Прежде чем ответить, Таня подняла глаза на Колю. Он заметил и спросил: — Что?
— Ничего — ответила она: — Просто я тебя люблю.
— Я тебя тоже — автоматически ответил Коля пробиваясь к выходу с площади.
Приватный канал связи оставался открытым и прежде чем закрыть, Таня написала: — Не знаю.
Потом они попали на конкурс кулинарных мастеров. Двое мужчин и одна девушка состязались в приготовлении экзотичных блюд прямо на глазах восхищённо глазеющих на действо и недоверчиво вдыхающих непривычные ароматы, людей. Индивидуально подобранная еда. Блюдо после которого выбранный заранее человек один почувствует грусть или радость, а все остальные только оценят чудесный вкус. Тонкая настройка на индивидуума. Сумасшедший сплав кулинарии, биохимии и психофизики. Высшая степень мастерства.
— Сравнивать кулинар-мастеров с автоматическими поварами просто смешно — заметил Коля.
Таня безоговорочно согласилась с ним.
Спонтанный праздник поднял настроение Новоградцев. На следующий день никто так сильно не беспокоился и не волновался как за день до праздника. Люди просто ждали пока Земля исправит поломку на экспериментальной станции нуль-транспортировки и пришлёт рейсовый корабль. Высший технический совет провёл совещание основной темой которого выступал вопрос: в какие сроки колония сможет собственными силами создать с нуля станцию нуль-транспортировки и всю необходимую для её работы инфраструктуры. Ответ получился очень расплывчатым, но учёные сошлись во мнении, что не раньше чем через четыре десятка лет. Это минимальный срок. Невозможно взять и подвесить кубик на достаточную высоту, вначале нужно выстроить все предшествующие этажи башни из кубиков. И хотя, образно говоря, современные технологии силовых полей позволяли подвешивать кубики на любую необходимую высоту, но приведённая аналогия в пояснениях не нуждалась.
Оставалось только ждать. Ждать и надеяться.
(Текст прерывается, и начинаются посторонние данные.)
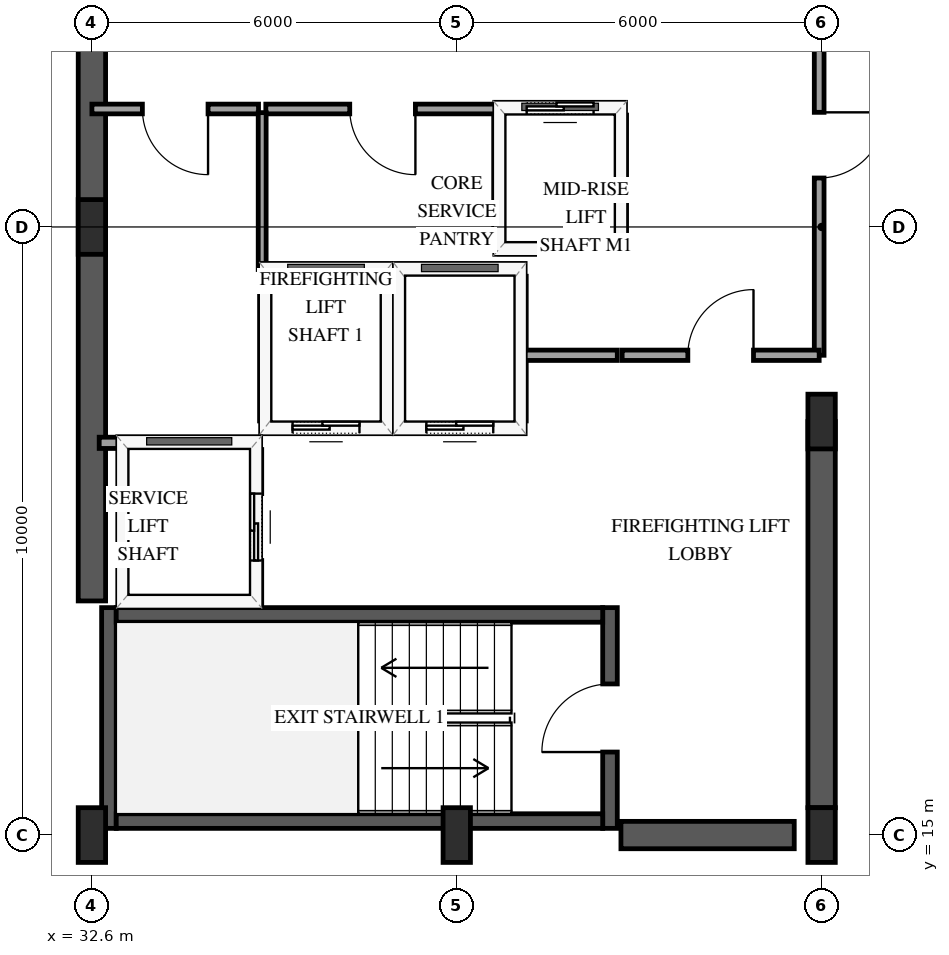
"""IFC4 building model, lengths in metres.
Left out: names, types, materials, properties, quantities, classifications, styles, units other than length and angle.
Written with IfcOpenShell. Run it as: python <this file> out.ifc"""

import sys

from ifc_helpers import new_model, si_unit, direction, frame, frame_2d, origin, origin_2d, place, context, subcontext, project, spatial, rectangle, extrude, element, fill, save


model = new_model("IFC4")
c1 = context("Model", 3, precision=1e-05, world=origin(), true_north=direction((0.0, 1.0)))
c2 = subcontext(c1, "Body", "Model", "MODEL_VIEW")
j1 = project(units=[si_unit("LENGTHUNIT", "METRE"), si_unit("PLANEANGLEUNIT", "RADIAN")], contexts=[c1])
p1 = place(None, origin())
s1 = spatial("IfcSite", under=j1, at=p1, CompositionType="ELEMENT")
p2 = place(p1, origin())
s2 = spatial("IfcBuilding", under=s1, at=p2, CompositionType="ELEMENT")
p3 = place(p2, frame((0.0, 0.0, 201.4)))
s3 = spatial("IfcBuildingStorey", under=s2, at=p3, CompositionType="ELEMENT", Elevation=201.4)
p4 = place(p3, frame((32.88, 15.11, 0.0), z_axis=(0.0, 0.0, 1.0), x_axis=(0.0, 1.0, 0.0)))
e1 = element("IfcWall", 1, at=p4, inside=s3, PredefinedType="SHEAR", context=c2, shape_type="SweptSolid", body=[
    extrude(rectangle(XDim=3.63, YDim=0.24, at=frame_2d((1.815, 0.0))), origin(), (0.0, 0.0, 1.0), 3.6),
])
p5 = place(p3, frame((41.12, 15.11, 0.0), z_axis=(0.0, 0.0, 1.0), x_axis=(0.0, 1.0, 0.0)))
e2 = element("IfcWall", 2, at=p5, inside=s3, PredefinedType="SHEAR", context=c2, shape_type="SweptSolid", body=[
    extrude(rectangle(XDim=3.63, YDim=0.24, at=frame_2d((1.815, 0.0))), origin(), (0.0, 0.0, 1.0), 3.6),
])
p6 = place(p5, frame((1.255, 0.0, 0.0)))
e3 = element("IfcOpeningElement", 3, at=p6, cuts=e2, PredefinedType="OPENING", context=c2, shape_type="SweptSolid", body=[
    extrude(rectangle(XDim=1.12, YDim=2.15, at=frame_2d((0.56, 1.075))), frame((0.0, 0.13, 0.0), z_axis=(0.0, -1.0, 0.0), x_axis=(1.0, 0.0, 0.0)), (0.0, 0.0, 1.0), 0.26),
])
for number, where, z_axis, x_axis in (
    (4, (33.0, 15.23, 0.0), (0.0, 0.0, 1.0), (1.0, 0.0, 0.0)),
    (5, (33.0, 18.62, 0.0), (0.0, 0.0, 1.0), (1.0, 0.0, 0.0)),
):
    element("IfcWall", number, at=place(p3, frame(where, z_axis=z_axis, x_axis=x_axis)), inside=s3, PredefinedType="SHEAR", context=c2, shape_type="SweptSolid", body=[
        extrude(rectangle(XDim=8.0, YDim=0.24, at=frame_2d((4.0, 0.0))), origin(), (0.0, 0.0, 1.0), 3.6),
    ])
p7 = place(p3, frame((32.6, 18.85, 0.0), z_axis=(0.0, 0.0, 1.0), x_axis=(0.0, 1.0, 0.0)))
e6 = element("IfcWall", 6, at=p7, inside=s3, PredefinedType="SHEAR", context=c2, shape_type="SweptSolid", body=[
    extrude(rectangle(XDim=12.3, YDim=0.45, at=frame_2d((6.15, 0.0))), origin(), (0.0, 0.0, 1.0), 3.6),
])
p8 = place(p3, frame((41.3, 15.0, 0.0), z_axis=(0.0, 0.0, 1.0), x_axis=(1.0, 0.0, 0.0)))
e7 = element("IfcWall", 7, at=p8, inside=s3, PredefinedType="SHEAR", context=c2, shape_type="SweptSolid", body=[
    extrude(rectangle(XDim=2.85, YDim=0.45, at=frame_2d((1.425, 0.0))), origin(), (0.0, 0.0, 1.0), 3.6),
])
p9 = place(p3, frame((44.6, 15.45, 0.0), z_axis=(0.0, 0.0, 1.0), x_axis=(0.0, 1.0, 0.0)))
e8 = element("IfcWall", 8, at=p9, inside=s3, PredefinedType="SHEAR", context=c2, shape_type="SweptSolid", body=[
    extrude(rectangle(XDim=6.35, YDim=0.45, at=frame_2d((3.175, 0.0))), origin(), (0.0, 0.0, 1.0), 3.6),
])
for number, where, z_axis, x_axis in (
    (9, (32.6, 15.0, 0.0), (0.0, 0.0, 1.0), (1.0, 0.0, 0.0)),
    (10, (32.6, 25.0, 0.0), (0.0, 0.0, 1.0), (1.0, 0.0, 0.0)),
    (11, (38.6, 15.0, 0.0), (0.0, 0.0, 1.0), (1.0, 0.0, 0.0)),
    (12, (44.6, 15.0, 0.0), (0.0, 0.0, 1.0), (1.0, 0.0, 0.0)),
    (13, (44.6, 21.8, 0.0), (0.0, 0.0, 1.0), (1.0, 0.0, 0.0)),
):
    element("IfcColumn", number, at=place(p3, frame(where, z_axis=z_axis, x_axis=x_axis)), inside=s3, PredefinedType="PILASTER", context=c2, shape_type="SweptSolid", body=[
        extrude(rectangle(XDim=0.45, YDim=0.9, at=origin_2d()), origin(), (0.0, 0.0, 1.0), 3.6),
    ])
p10 = place(p3, frame((35.45, 21.7, 0.0), z_axis=(0.0, 0.0, 1.0), x_axis=(1.0, 0.0, 0.0)))
e14 = element("IfcWall", 14, at=p10, inside=s3, PredefinedType="SOLIDWALL", context=c2, shape_type="SweptSolid", body=[
    extrude(rectangle(XDim=2.0, YDim=0.185, at=frame_2d((1.0, 0.0))), origin(), (0.0, 0.0, 1.0), 3.3),
])
p11 = place(p10, frame((0.45, 0.0, 0.0)))
e15 = element("IfcOpeningElement", 15, at=p11, cuts=e14, PredefinedType="OPENING", context=c2, shape_type="SweptSolid", body=[
    extrude(rectangle(XDim=1.1, YDim=2.15, at=frame_2d((0.55, 1.075))), frame((0.0, 0.103, 0.0), z_axis=(0.0, -1.0, 0.0), x_axis=(1.0, 0.0, 0.0)), (0.0, 0.0, 1.0), 0.205),
])
p12 = place(p3, frame((35.45, 24.3, 0.0), z_axis=(0.0, 0.0, 1.0), x_axis=(1.0, 0.0, 0.0)))
e16 = element("IfcWall", 16, at=p12, inside=s3, PredefinedType="SOLIDWALL", context=c2, shape_type="SweptSolid", body=[
    extrude(rectangle(XDim=2.0, YDim=0.185, at=frame_2d((1.0, 0.0))), origin(), (0.0, 0.0, 1.0), 3.3),
])
for number, where, z_axis, x_axis in (
    (17, (35.45, 21.81, 0.0), (0.0, 0.0, 1.0), (0.0, 1.0, 0.0)),
    (18, (37.45, 21.81, 0.0), (0.0, 0.0, 1.0), (0.0, 1.0, 0.0)),
):
    element("IfcWall", number, at=place(p3, frame(where, z_axis=z_axis, x_axis=x_axis)), inside=s3, PredefinedType="SOLIDWALL", context=c2, shape_type="SweptSolid", body=[
        extrude(rectangle(XDim=2.38, YDim=0.185, at=frame_2d((1.19, 0.0))), origin(), (0.0, 0.0, 1.0), 3.3),
    ])
p13 = place(p3, frame((37.65, 21.7, 0.0), z_axis=(0.0, 0.0, 1.0), x_axis=(1.0, 0.0, 0.0)))
e19 = element("IfcWall", 19, at=p13, inside=s3, PredefinedType="SOLIDWALL", context=c2, shape_type="SweptSolid", body=[
    extrude(rectangle(XDim=2.0, YDim=0.185, at=frame_2d((1.0, 0.0))), origin(), (0.0, 0.0, 1.0), 3.3),
])
p14 = place(p13, frame((0.45, 0.0, 0.0)))
e20 = element("IfcOpeningElement", 20, at=p14, cuts=e19, PredefinedType="OPENING", context=c2, shape_type="SweptSolid", body=[
    extrude(rectangle(XDim=1.1, YDim=2.15, at=frame_2d((0.55, 1.075))), frame((0.0, 0.103, 0.0), z_axis=(0.0, -1.0, 0.0), x_axis=(1.0, 0.0, 0.0)), (0.0, 0.0, 1.0), 0.205),
])
p15 = place(p3, frame((37.65, 24.3, 0.0), z_axis=(0.0, 0.0, 1.0), x_axis=(1.0, 0.0, 0.0)))
e21 = element("IfcWall", 21, at=p15, inside=s3, PredefinedType="SOLIDWALL", context=c2, shape_type="SweptSolid", body=[
    extrude(rectangle(XDim=2.0, YDim=0.185, at=frame_2d((1.0, 0.0))), origin(), (0.0, 0.0, 1.0), 3.3),
])
p16 = place(p3, frame((39.65, 21.81, 0.0), z_axis=(0.0, 0.0, 1.0), x_axis=(0.0, 1.0, 0.0)))
e22 = element("IfcWall", 22, at=p16, inside=s3, PredefinedType="SOLIDWALL", context=c2, shape_type="SweptSolid", body=[
    extrude(rectangle(XDim=2.38, YDim=0.185, at=frame_2d((1.19, 0.0))), origin(), (0.0, 0.0, 1.0), 3.3),
])
p17 = place(p3, frame((32.72, 21.45, 0.0), z_axis=(0.0, 0.0, 1.0), x_axis=(1.0, 0.0, 0.0)))
e23 = element("IfcWall", 23, at=p17, inside=s3, PredefinedType="SOLIDWALL", context=c2, shape_type="SweptSolid", body=[
    extrude(rectangle(XDim=2.58, YDim=0.185, at=frame_2d((1.29, 0.0))), origin(), (0.0, 0.0, 1.0), 3.3),
])
p18 = place(p3, frame((35.3, 18.79, 0.0), z_axis=(0.0, 0.0, 1.0), x_axis=(0.0, 1.0, 0.0)))
e24 = element("IfcWall", 24, at=p18, inside=s3, PredefinedType="SOLIDWALL", context=c2, shape_type="SweptSolid", body=[
    extrude(rectangle(XDim=2.55, YDim=0.185, at=frame_2d((1.275, 0.0))), origin(), (0.0, 0.0, 1.0), 3.3),
])
p19 = place(p18, frame((0.725, 0.0, 0.0)))
e25 = element("IfcOpeningElement", 25, at=p19, cuts=e24, PredefinedType="OPENING", context=c2, shape_type="SweptSolid", body=[
    extrude(rectangle(XDim=1.1, YDim=2.15, at=frame_2d((0.55, 1.075))), frame((0.0, 0.103, 0.0), z_axis=(0.0, -1.0, 0.0), x_axis=(1.0, 0.0, 0.0)), (0.0, 0.0, 1.0), 0.205),
])
p20 = place(p3, frame((39.3, 24.65, 0.0), z_axis=(0.0, 0.0, 1.0), x_axis=(1.0, 0.0, 0.0)))
e26 = element("IfcWall", 26, at=p20, inside=s3, PredefinedType="SOLIDWALL", context=c2, shape_type="SweptSolid", body=[
    extrude(rectangle(XDim=2.0, YDim=0.185, at=frame_2d((1.0, 0.0))), origin(), (0.0, 0.0, 1.0), 3.3),
])
p21 = place(p3, frame((39.3, 26.95, 0.0), z_axis=(0.0, 0.0, 1.0), x_axis=(1.0, 0.0, 0.0)))
e27 = element("IfcWall", 27, at=p21, inside=s3, PredefinedType="SOLIDWALL", context=c2, shape_type="SweptSolid", body=[
    extrude(rectangle(XDim=2.0, YDim=0.185, at=frame_2d((1.0, 0.0))), origin(), (0.0, 0.0, 1.0), 3.3),
])
p22 = place(p21, frame((0.45, 0.0, 0.0)))
e28 = element("IfcOpeningElement", 28, at=p22, cuts=e27, PredefinedType="OPENING", context=c2, shape_type="SweptSolid", body=[
    extrude(rectangle(XDim=1.1, YDim=2.15, at=frame_2d((0.55, 1.075))), frame((0.0, 0.103, 0.0), z_axis=(0.0, -1.0, 0.0), x_axis=(1.0, 0.0, 0.0)), (0.0, 0.0, 1.0), 0.205),
])
for number, where, z_axis, x_axis in (
    (29, (39.3, 24.76, 0.0), (0.0, 0.0, 1.0), (0.0, 1.0, 0.0)),
    (30, (41.3, 24.76, 0.0), (0.0, 0.0, 1.0), (0.0, 1.0, 0.0)),
):
    element("IfcWall", number, at=place(p3, frame(where, z_axis=z_axis, x_axis=x_axis)), inside=s3, PredefinedType="SOLIDWALL", context=c2, shape_type="SweptSolid", body=[
        extrude(rectangle(XDim=2.08, YDim=0.185, at=frame_2d((1.04, 0.0))), origin(), (0.0, 0.0, 1.0), 3.3),
    ])
p23 = place(p3, frame((44.56, 29.8, 0.0), z_axis=(0.0, 0.0, 1.0), x_axis=(0.0, -1.0, 0.0)))
e31 = element("IfcWall", 31, at=p23, inside=s3, PredefinedType="PARTITIONING", context=c2, shape_type="SweptSolid", body=[
    extrude(rectangle(XDim=6.91, YDim=0.16, at=frame_2d((3.455, 0.0))), origin(), (0.0, 0.0, 1.0), 2.34),
])
p24 = place(p23, frame((2.915, 0.0, 0.0)))
e32 = element("IfcOpeningElement", 32, at=p24, cuts=e31, PredefinedType="OPENING", context=c2, shape_type="SweptSolid", body=[
    extrude(rectangle(XDim=1.08, YDim=2.15, at=frame_2d((0.54, 1.075))), frame((0.0, 0.09, 0.0), z_axis=(0.0, -1.0, 0.0), x_axis=(1.0, 0.0, 0.0)), (0.0, 0.0, 1.0), 0.18),
])
p25 = place(p3, frame((39.3, 26.94, 0.0), z_axis=(0.0, 0.0, 1.0), x_axis=(-1.0, 0.0, 0.0)))
e33 = element("IfcWall", 33, at=p25, inside=s3, PredefinedType="PARTITIONING", context=c2, shape_type="SweptSolid", body=[
    extrude(rectangle(XDim=3.84, YDim=0.16, at=frame_2d((1.92, 0.0))), origin(), (0.0, 0.0, 1.0), 3.3),
])
p26 = place(p25, frame((1.38, 0.0, 0.0)))
e34 = element("IfcOpeningElement", 34, at=p26, cuts=e33, PredefinedType="OPENING", context=c2, shape_type="SweptSolid", body=[
    extrude(rectangle(XDim=1.08, YDim=2.15, at=frame_2d((0.54, 1.075))), frame((0.0, 0.09, 0.0), z_axis=(0.0, -1.0, 0.0), x_axis=(1.0, 0.0, 0.0)), (0.0, 0.0, 1.0), 0.18),
])
p27 = place(p3, frame((41.32, 22.89, 0.0), z_axis=(0.0, 0.0, 1.0), x_axis=(1.0, 0.0, 0.0)))
e35 = element("IfcWall", 35, at=p27, inside=s3, PredefinedType="PARTITIONING", context=c2, shape_type="SweptSolid", body=[
    extrude(rectangle(XDim=3.24, YDim=0.17, at=frame_2d((1.62, 0.0))), origin(), (0.0, 0.0, 1.0), 3.3),
])
p28 = place(p27, frame((1.08, 0.0, 0.0)))
e36 = element("IfcOpeningElement", 36, at=p28, cuts=e35, PredefinedType="OPENING", context=c2, shape_type="SweptSolid", body=[
    extrude(rectangle(XDim=1.08, YDim=2.15, at=frame_2d((0.54, 1.075))), frame((0.0, 0.095, 0.0), z_axis=(0.0, -1.0, 0.0), x_axis=(1.0, 0.0, 0.0)), (0.0, 0.0, 1.0), 0.19),
])
p29 = place(p3, frame((35.34, 26.94, 0.0), z_axis=(0.0, 0.0, 1.0), x_axis=(-1.0, 0.0, 0.0)))
e37 = element("IfcWall", 37, at=p29, inside=s3, PredefinedType="PARTITIONING", context=c2, shape_type="SweptSolid", body=[
    extrude(rectangle(XDim=2.74, YDim=0.16, at=frame_2d((1.37, 0.0))), origin(), (0.0, 0.0, 1.0), 3.3),
])
p30 = place(p29, frame((0.83, 0.0, 0.0)))
e38 = element("IfcOpeningElement", 38, at=p30, cuts=e37, PredefinedType="OPENING", context=c2, shape_type="SweptSolid", body=[
    extrude(rectangle(XDim=1.08, YDim=2.15, at=frame_2d((0.54, 1.075))), frame((0.0, 0.09, 0.0), z_axis=(0.0, -1.0, 0.0), x_axis=(1.0, 0.0, 0.0)), (0.0, 0.0, 1.0), 0.18),
])
p31 = place(p3, frame((35.4, 26.88, 0.0), z_axis=(0.0, 0.0, 1.0), x_axis=(0.0, -1.0, 0.0)))
e39 = element("IfcWall", 39, at=p31, inside=s3, PredefinedType="PARTITIONING", context=c2, shape_type="SweptSolid", body=[
    extrude(rectangle(XDim=2.58, YDim=0.13, at=frame_2d((1.29, 0.0))), origin(), (0.0, 0.0, 1.0), 3.3),
])
p32 = place(p3, frame((39.72, 22.89, 0.0), z_axis=(0.0, 0.0, 1.0), x_axis=(1.0, 0.0, 0.0)))
e40 = element("IfcWall", 40, at=p32, inside=s3, PredefinedType="PARTITIONING", context=c2, shape_type="SweptSolid", body=[
    extrude(rectangle(XDim=1.52, YDim=0.17, at=frame_2d((0.76, 0.0))), origin(), (0.0, 0.0, 1.0), 3.3),
])
p33 = place(p11, origin())
e41 = element("IfcDoor", 41, at=p33, inside=s3, OperationType="SLIDING_TO_LEFT", PredefinedType="DOOR", context=c2, shape_type="SweptSolid", body=[
    extrude(rectangle(XDim=1.1, YDim=2.15, at=frame_2d((0.55, 1.075))), frame((0.0, 0.025, 0.0), z_axis=(0.0, -1.0, 0.0), x_axis=(1.0, 0.0, 0.0)), (0.0, 0.0, 1.0), 0.05),
])
fill(e15, e41)
p34 = place(p14, origin())
e42 = element("IfcDoor", 42, at=p34, inside=s3, OperationType="SLIDING_TO_LEFT", PredefinedType="DOOR", context=c2, shape_type="SweptSolid", body=[
    extrude(rectangle(XDim=1.1, YDim=2.15, at=frame_2d((0.55, 1.075))), frame((0.0, 0.025, 0.0), z_axis=(0.0, -1.0, 0.0), x_axis=(1.0, 0.0, 0.0)), (0.0, 0.0, 1.0), 0.05),
])
fill(e20, e42)
p35 = place(p19, origin())
e43 = element("IfcDoor", 43, at=p35, inside=s3, OperationType="SLIDING_TO_LEFT", PredefinedType="DOOR", context=c2, shape_type="SweptSolid", body=[
    extrude(rectangle(XDim=1.1, YDim=2.15, at=frame_2d((0.55, 1.075))), frame((0.0, 0.025, 0.0), z_axis=(0.0, -1.0, 0.0), x_axis=(1.0, 0.0, 0.0)), (0.0, 0.0, 1.0), 0.05),
])
fill(e25, e43)
p36 = place(p22, origin())
e44 = element("IfcDoor", 44, at=p36, inside=s3, OperationType="SLIDING_TO_LEFT", PredefinedType="DOOR", context=c2, shape_type="SweptSolid", body=[
    extrude(rectangle(XDim=1.1, YDim=2.15, at=frame_2d((0.55, 1.075))), frame((0.0, 0.025, 0.0), z_axis=(0.0, -1.0, 0.0), x_axis=(1.0, 0.0, 0.0)), (0.0, 0.0, 1.0), 0.05),
])
fill(e28, e44)
p37 = place(p6, origin())
e45 = element("IfcDoor", 45, at=p37, inside=s3, OperationType="SINGLE_SWING_LEFT", PredefinedType="DOOR", context=c2, shape_type="SweptSolid", body=[
    extrude(rectangle(XDim=1.12, YDim=2.15, at=frame_2d((0.56, 1.075))), frame((0.0, 0.025, 0.0), z_axis=(0.0, -1.0, 0.0), x_axis=(1.0, 0.0, 0.0)), (0.0, 0.0, 1.0), 0.05),
])
fill(e3, e45)
p38 = place(p24, origin())
e46 = element("IfcDoor", 46, at=p38, inside=s3, OperationType="SINGLE_SWING_LEFT", PredefinedType="DOOR", context=c2, shape_type="SweptSolid", body=[
    extrude(rectangle(XDim=1.08, YDim=2.15, at=frame_2d((0.54, 1.075))), frame((0.0, 0.025, 0.0), z_axis=(0.0, -1.0, 0.0), x_axis=(1.0, 0.0, 0.0)), (0.0, 0.0, 1.0), 0.05),
])
fill(e32, e46)
p39 = place(p26, origin())
e47 = element("IfcDoor", 47, at=p39, inside=s3, OperationType="SINGLE_SWING_LEFT", PredefinedType="DOOR", context=c2, shape_type="SweptSolid", body=[
    extrude(rectangle(XDim=1.08, YDim=2.15, at=frame_2d((0.54, 1.075))), frame((0.0, 0.025, 0.0), z_axis=(0.0, -1.0, 0.0), x_axis=(1.0, 0.0, 0.0)), (0.0, 0.0, 1.0), 0.05),
])
fill(e34, e47)
p40 = place(p28, origin())
e48 = element("IfcDoor", 48, at=p40, inside=s3, OperationType="SINGLE_SWING_RIGHT", PredefinedType="DOOR", context=c2, shape_type="SweptSolid", body=[
    extrude(rectangle(XDim=1.08, YDim=2.15, at=frame_2d((0.54, 1.075))), frame((0.0, 0.025, 0.0), z_axis=(0.0, -1.0, 0.0), x_axis=(1.0, 0.0, 0.0)), (0.0, 0.0, 1.0), 0.05),
])
fill(e36, e48)
p41 = place(p30, origin())
e49 = element("IfcDoor", 49, at=p41, inside=s3, OperationType="SINGLE_SWING_LEFT", PredefinedType="DOOR", context=c2, shape_type="SweptSolid", body=[
    extrude(rectangle(XDim=1.08, YDim=2.15, at=frame_2d((0.54, 1.075))), frame((0.0, 0.025, 0.0), z_axis=(0.0, -1.0, 0.0), x_axis=(1.0, 0.0, 0.0)), (0.0, 0.0, 1.0), 0.05),
])
fill(e38, e49)
save(model, sys.argv[1])

Говорят будто на свете нет ничего хуже ожидания. Но это если сидеть сложив руки и вздыхать, ежеминутно поглядывая на часы. Высочайший совет затеял глобальную ревизию имеющихся в распоряжении колонии оборудования и производственных мощностей. Работы у статистиков прибавилось. Теперь её хватало на весь официальный пятичасовой рабочий день. Отработав, Таня обедала и либо шла, вместе с Колей, к Селезнёвым в малый купол где проживали красноармейцы. Либо в лабораторию Илюшенко Ларисы. Однако красные командиры занимались какими-то приготовлениями, как будто ожидали (или, хотя бы, допускали) возможность нападения на Дальнюю из вне. У Селезнёвых не находилось времени на гостей.